A sniper is a military/paramilitary marksman who operates to maintain effective visual contact with the enemy and engage targets from concealed positions or at distances exceeding their detection capabilities. Snipers generally have specialized training and are equipped with high-precision rifles and high-magnification optics, and often feed information back to their units or command headquarters.
In addition to marksmanship and long range shooting, military snipers are trained in a variety of tactical techniques: detection, stalking, and target range estimation methods, camouflage, field craft, infiltration, special reconnaissance and observation, surveillance and target acquisition.
Different countries use different military doctrines regarding snipers in military units, settings, and tactics.

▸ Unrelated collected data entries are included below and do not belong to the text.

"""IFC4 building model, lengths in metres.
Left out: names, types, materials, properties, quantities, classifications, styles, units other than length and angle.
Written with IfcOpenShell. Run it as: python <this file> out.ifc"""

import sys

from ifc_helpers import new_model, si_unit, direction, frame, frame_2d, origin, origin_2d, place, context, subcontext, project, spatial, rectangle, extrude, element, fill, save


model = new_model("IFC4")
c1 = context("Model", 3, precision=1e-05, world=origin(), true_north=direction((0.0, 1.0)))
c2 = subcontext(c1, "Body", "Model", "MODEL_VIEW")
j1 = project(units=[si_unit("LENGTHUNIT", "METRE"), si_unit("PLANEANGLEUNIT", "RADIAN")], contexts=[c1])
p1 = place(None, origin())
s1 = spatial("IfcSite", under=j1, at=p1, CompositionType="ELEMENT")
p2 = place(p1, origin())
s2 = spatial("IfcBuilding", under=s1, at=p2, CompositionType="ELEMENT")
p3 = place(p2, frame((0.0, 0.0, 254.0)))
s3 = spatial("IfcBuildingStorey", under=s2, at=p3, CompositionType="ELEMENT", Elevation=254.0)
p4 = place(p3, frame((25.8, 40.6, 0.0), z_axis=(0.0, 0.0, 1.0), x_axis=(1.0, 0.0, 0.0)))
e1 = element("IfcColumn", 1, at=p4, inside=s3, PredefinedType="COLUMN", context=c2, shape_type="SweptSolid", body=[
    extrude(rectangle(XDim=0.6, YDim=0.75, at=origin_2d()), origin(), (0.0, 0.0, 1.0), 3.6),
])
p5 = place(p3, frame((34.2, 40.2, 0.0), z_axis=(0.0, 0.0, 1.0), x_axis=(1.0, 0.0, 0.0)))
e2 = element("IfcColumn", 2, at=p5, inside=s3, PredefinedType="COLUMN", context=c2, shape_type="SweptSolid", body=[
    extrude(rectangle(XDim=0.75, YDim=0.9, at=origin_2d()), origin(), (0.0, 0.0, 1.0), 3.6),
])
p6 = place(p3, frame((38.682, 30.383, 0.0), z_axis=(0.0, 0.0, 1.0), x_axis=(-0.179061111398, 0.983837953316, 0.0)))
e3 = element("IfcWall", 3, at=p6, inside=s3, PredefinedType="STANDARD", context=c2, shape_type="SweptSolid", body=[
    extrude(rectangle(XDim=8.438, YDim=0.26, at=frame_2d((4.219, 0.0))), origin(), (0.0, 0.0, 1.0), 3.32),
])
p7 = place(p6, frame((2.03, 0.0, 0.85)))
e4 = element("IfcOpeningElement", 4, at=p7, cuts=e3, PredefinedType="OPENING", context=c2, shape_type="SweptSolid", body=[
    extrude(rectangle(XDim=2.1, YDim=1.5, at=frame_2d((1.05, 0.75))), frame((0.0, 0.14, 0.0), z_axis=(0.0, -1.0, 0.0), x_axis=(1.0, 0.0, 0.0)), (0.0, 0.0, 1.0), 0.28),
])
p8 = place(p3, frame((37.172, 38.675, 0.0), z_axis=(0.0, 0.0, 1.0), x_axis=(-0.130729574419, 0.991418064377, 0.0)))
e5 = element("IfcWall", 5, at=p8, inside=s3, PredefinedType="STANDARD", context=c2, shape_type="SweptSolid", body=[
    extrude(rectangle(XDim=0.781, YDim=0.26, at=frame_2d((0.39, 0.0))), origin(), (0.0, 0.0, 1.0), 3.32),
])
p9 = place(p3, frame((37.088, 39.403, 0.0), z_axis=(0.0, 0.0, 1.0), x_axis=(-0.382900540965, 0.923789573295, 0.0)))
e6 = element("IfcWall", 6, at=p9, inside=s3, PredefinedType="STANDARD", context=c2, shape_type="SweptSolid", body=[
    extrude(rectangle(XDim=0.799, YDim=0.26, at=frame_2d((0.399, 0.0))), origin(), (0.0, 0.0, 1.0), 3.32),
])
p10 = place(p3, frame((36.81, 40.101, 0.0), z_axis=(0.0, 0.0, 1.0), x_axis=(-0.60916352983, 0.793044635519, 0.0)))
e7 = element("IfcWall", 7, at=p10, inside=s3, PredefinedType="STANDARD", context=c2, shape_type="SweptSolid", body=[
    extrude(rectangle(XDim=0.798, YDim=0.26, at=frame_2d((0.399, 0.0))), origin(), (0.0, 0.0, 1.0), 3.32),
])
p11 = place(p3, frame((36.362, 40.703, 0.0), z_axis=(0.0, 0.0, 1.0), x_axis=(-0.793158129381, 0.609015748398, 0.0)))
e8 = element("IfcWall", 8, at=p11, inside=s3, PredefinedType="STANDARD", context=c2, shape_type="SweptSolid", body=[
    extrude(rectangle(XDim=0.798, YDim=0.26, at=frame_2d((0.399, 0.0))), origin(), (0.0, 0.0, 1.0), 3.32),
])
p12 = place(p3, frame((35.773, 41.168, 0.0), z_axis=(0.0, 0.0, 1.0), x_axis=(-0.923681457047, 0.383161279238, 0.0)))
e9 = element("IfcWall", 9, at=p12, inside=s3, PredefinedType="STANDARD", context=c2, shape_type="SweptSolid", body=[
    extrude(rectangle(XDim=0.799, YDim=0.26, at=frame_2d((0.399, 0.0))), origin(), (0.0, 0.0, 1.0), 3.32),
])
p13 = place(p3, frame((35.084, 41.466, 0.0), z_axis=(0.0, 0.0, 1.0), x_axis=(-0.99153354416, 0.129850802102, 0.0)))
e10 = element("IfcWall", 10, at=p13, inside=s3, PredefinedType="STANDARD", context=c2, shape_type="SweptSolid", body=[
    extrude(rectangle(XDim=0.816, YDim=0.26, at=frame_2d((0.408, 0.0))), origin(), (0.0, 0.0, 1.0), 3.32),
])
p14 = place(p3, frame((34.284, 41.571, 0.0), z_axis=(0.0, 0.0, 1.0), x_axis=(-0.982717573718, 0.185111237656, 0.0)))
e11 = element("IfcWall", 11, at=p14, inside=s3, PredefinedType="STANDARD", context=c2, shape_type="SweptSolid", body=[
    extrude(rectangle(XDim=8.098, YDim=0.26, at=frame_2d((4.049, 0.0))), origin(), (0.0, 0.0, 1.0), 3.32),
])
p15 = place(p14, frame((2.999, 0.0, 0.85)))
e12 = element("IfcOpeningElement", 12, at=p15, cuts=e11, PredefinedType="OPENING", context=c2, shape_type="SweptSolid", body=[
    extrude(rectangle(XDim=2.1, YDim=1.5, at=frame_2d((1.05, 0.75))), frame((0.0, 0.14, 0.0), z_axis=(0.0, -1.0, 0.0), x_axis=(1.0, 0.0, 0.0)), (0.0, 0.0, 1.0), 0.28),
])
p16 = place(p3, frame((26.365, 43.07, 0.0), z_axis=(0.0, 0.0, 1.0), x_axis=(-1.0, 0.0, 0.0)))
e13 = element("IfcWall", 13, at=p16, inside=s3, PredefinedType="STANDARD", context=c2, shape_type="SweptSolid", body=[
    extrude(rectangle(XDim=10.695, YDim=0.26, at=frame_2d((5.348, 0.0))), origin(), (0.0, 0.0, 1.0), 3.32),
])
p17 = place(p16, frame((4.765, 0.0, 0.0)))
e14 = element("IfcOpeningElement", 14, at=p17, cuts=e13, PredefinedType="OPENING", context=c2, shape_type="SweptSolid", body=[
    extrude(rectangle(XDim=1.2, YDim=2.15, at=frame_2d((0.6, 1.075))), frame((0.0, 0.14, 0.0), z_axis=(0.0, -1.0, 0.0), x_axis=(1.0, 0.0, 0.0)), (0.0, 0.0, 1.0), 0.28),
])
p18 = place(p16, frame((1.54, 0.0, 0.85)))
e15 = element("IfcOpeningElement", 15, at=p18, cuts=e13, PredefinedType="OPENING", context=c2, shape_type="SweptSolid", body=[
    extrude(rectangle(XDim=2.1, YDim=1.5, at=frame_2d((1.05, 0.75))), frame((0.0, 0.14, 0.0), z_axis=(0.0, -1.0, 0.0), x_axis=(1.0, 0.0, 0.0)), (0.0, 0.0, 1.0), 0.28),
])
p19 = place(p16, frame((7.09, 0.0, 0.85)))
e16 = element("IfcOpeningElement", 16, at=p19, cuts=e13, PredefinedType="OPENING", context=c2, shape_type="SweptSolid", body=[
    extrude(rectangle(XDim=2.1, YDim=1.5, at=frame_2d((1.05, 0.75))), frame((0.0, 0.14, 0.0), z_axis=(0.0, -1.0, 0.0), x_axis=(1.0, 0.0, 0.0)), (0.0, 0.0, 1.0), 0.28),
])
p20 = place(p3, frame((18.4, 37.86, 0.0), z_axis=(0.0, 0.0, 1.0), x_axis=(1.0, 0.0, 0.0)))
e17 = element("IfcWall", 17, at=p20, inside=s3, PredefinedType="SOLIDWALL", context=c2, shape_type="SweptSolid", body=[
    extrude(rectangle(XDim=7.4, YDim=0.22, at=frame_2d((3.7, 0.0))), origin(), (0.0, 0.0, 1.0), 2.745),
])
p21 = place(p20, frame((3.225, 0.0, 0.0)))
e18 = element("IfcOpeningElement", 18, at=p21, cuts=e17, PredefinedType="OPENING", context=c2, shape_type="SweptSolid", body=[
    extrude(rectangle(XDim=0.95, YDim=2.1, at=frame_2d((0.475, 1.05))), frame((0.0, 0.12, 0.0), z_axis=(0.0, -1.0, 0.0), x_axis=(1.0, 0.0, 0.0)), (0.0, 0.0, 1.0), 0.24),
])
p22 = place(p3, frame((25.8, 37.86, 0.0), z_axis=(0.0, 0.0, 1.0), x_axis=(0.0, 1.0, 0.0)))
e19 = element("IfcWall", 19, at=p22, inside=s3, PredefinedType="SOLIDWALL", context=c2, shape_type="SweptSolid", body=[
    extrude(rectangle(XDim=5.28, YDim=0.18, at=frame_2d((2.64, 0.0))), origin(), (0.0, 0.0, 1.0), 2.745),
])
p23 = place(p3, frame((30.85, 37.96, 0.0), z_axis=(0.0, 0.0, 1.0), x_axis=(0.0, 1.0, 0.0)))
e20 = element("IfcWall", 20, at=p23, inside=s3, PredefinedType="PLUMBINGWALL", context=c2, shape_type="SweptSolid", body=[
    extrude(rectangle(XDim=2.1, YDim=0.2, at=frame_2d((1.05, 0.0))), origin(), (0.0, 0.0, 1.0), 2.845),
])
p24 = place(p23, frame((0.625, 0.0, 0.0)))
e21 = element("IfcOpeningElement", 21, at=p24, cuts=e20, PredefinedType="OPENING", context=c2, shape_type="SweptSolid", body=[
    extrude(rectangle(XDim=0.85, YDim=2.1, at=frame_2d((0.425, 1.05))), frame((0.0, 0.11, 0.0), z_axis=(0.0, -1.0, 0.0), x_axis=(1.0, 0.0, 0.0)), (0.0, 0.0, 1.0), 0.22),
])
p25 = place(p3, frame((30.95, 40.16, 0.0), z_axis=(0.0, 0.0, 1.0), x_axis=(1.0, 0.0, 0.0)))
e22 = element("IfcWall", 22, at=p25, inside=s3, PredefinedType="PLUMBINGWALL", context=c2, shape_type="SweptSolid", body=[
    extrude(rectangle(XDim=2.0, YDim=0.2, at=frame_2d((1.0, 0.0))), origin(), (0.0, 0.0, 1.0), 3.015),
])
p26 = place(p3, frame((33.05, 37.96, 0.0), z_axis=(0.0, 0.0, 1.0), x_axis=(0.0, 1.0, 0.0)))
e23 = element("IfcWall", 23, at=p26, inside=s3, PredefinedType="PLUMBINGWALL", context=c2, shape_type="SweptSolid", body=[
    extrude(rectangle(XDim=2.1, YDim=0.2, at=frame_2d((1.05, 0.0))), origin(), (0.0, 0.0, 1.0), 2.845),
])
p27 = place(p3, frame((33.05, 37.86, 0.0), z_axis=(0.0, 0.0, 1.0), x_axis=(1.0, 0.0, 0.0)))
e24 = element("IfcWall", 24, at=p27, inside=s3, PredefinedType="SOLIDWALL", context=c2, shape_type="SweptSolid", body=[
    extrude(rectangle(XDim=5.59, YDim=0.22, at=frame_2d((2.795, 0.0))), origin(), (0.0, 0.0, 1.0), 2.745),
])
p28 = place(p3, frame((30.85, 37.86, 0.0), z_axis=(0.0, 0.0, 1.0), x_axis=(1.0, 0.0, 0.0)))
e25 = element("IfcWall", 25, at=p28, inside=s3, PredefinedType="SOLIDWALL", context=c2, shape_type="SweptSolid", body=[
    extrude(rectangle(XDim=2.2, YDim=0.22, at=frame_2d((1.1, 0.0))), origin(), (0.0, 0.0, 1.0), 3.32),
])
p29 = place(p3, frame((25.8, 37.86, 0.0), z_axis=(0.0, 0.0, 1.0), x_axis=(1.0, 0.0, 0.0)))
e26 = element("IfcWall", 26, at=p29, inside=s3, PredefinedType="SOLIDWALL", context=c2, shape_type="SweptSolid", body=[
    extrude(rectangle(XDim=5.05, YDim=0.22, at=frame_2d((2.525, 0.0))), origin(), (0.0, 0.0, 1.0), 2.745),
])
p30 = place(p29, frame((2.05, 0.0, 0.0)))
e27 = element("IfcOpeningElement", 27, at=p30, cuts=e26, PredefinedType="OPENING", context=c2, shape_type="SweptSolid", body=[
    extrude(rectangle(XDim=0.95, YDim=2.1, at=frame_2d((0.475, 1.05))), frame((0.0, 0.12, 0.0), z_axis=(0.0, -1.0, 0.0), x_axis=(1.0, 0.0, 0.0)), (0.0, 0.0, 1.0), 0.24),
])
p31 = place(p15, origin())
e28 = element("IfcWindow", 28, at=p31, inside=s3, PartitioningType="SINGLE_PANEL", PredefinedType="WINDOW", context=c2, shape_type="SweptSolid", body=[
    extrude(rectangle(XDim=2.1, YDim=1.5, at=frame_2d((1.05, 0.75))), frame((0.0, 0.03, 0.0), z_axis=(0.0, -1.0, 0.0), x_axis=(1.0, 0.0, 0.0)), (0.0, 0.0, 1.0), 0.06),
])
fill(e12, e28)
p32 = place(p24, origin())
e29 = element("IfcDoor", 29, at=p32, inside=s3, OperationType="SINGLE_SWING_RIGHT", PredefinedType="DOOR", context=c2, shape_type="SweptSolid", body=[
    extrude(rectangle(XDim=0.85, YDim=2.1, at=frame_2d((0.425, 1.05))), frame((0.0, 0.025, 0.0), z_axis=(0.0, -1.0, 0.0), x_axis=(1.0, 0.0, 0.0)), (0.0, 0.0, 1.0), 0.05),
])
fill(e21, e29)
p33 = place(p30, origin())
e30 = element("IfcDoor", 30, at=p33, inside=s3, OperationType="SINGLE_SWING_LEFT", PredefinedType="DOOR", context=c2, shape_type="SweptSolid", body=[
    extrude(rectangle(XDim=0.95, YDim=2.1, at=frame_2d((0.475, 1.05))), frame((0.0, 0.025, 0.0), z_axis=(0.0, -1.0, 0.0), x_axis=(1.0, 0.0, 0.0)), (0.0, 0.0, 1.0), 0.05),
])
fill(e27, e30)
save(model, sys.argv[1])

Generally, a sniper's primary function in modern warfare is to provide detailed reconnaissance from a concealed position and, if necessary, to reduce the enemy's fighting ability by shooting high-value targets (especially officers and other key personnel) and in the process pinning down and demoralizing the enemy. Typical sniper missions include managing intelligence information they gather during reconnaissance and surveillance, target acquisition for air-strikes and artillery, assist employed combat force with fire support and counter-sniper tactics, killing enemy commanders, selecting targets of opportunity, and even destruction of military equipment, which tend to require use of anti-materiel rifles in the larger calibers such as the .50 BMG, like the Barrett M82, McMillan Tac-50, and Denel NTW-20.
Soviet- and Russian-derived military doctrines include squad-level snipers. Snipers have increasingly been demonstrated as useful by US and UK forces in the recent Iraq campaign in a fire support role to cover the movement of infantry, especially in urban areas.
Military snipers from the US, UK, and other countries that adopt their military doctrine are typically deployed in two-man sniper teams consisting of a shooter and spotter. A common practice is for a shooter and a spotter to take turns in order to avoid eye fatigue In most recent combat operations occurring in large densely populated towns, such as Fallujah, Iraq, two teams would be deployed together to increase their security and effectiveness in an urban environment. A sniper team would be armed with its long-range weapon and a shorter-ranged weapon in case of close contact combat.
The German doctrine of largely independent snipers and emphasis on concealment, developed during the Second World War, has been most influential on modern sniper tactics, and is currently used throughout Western militaries.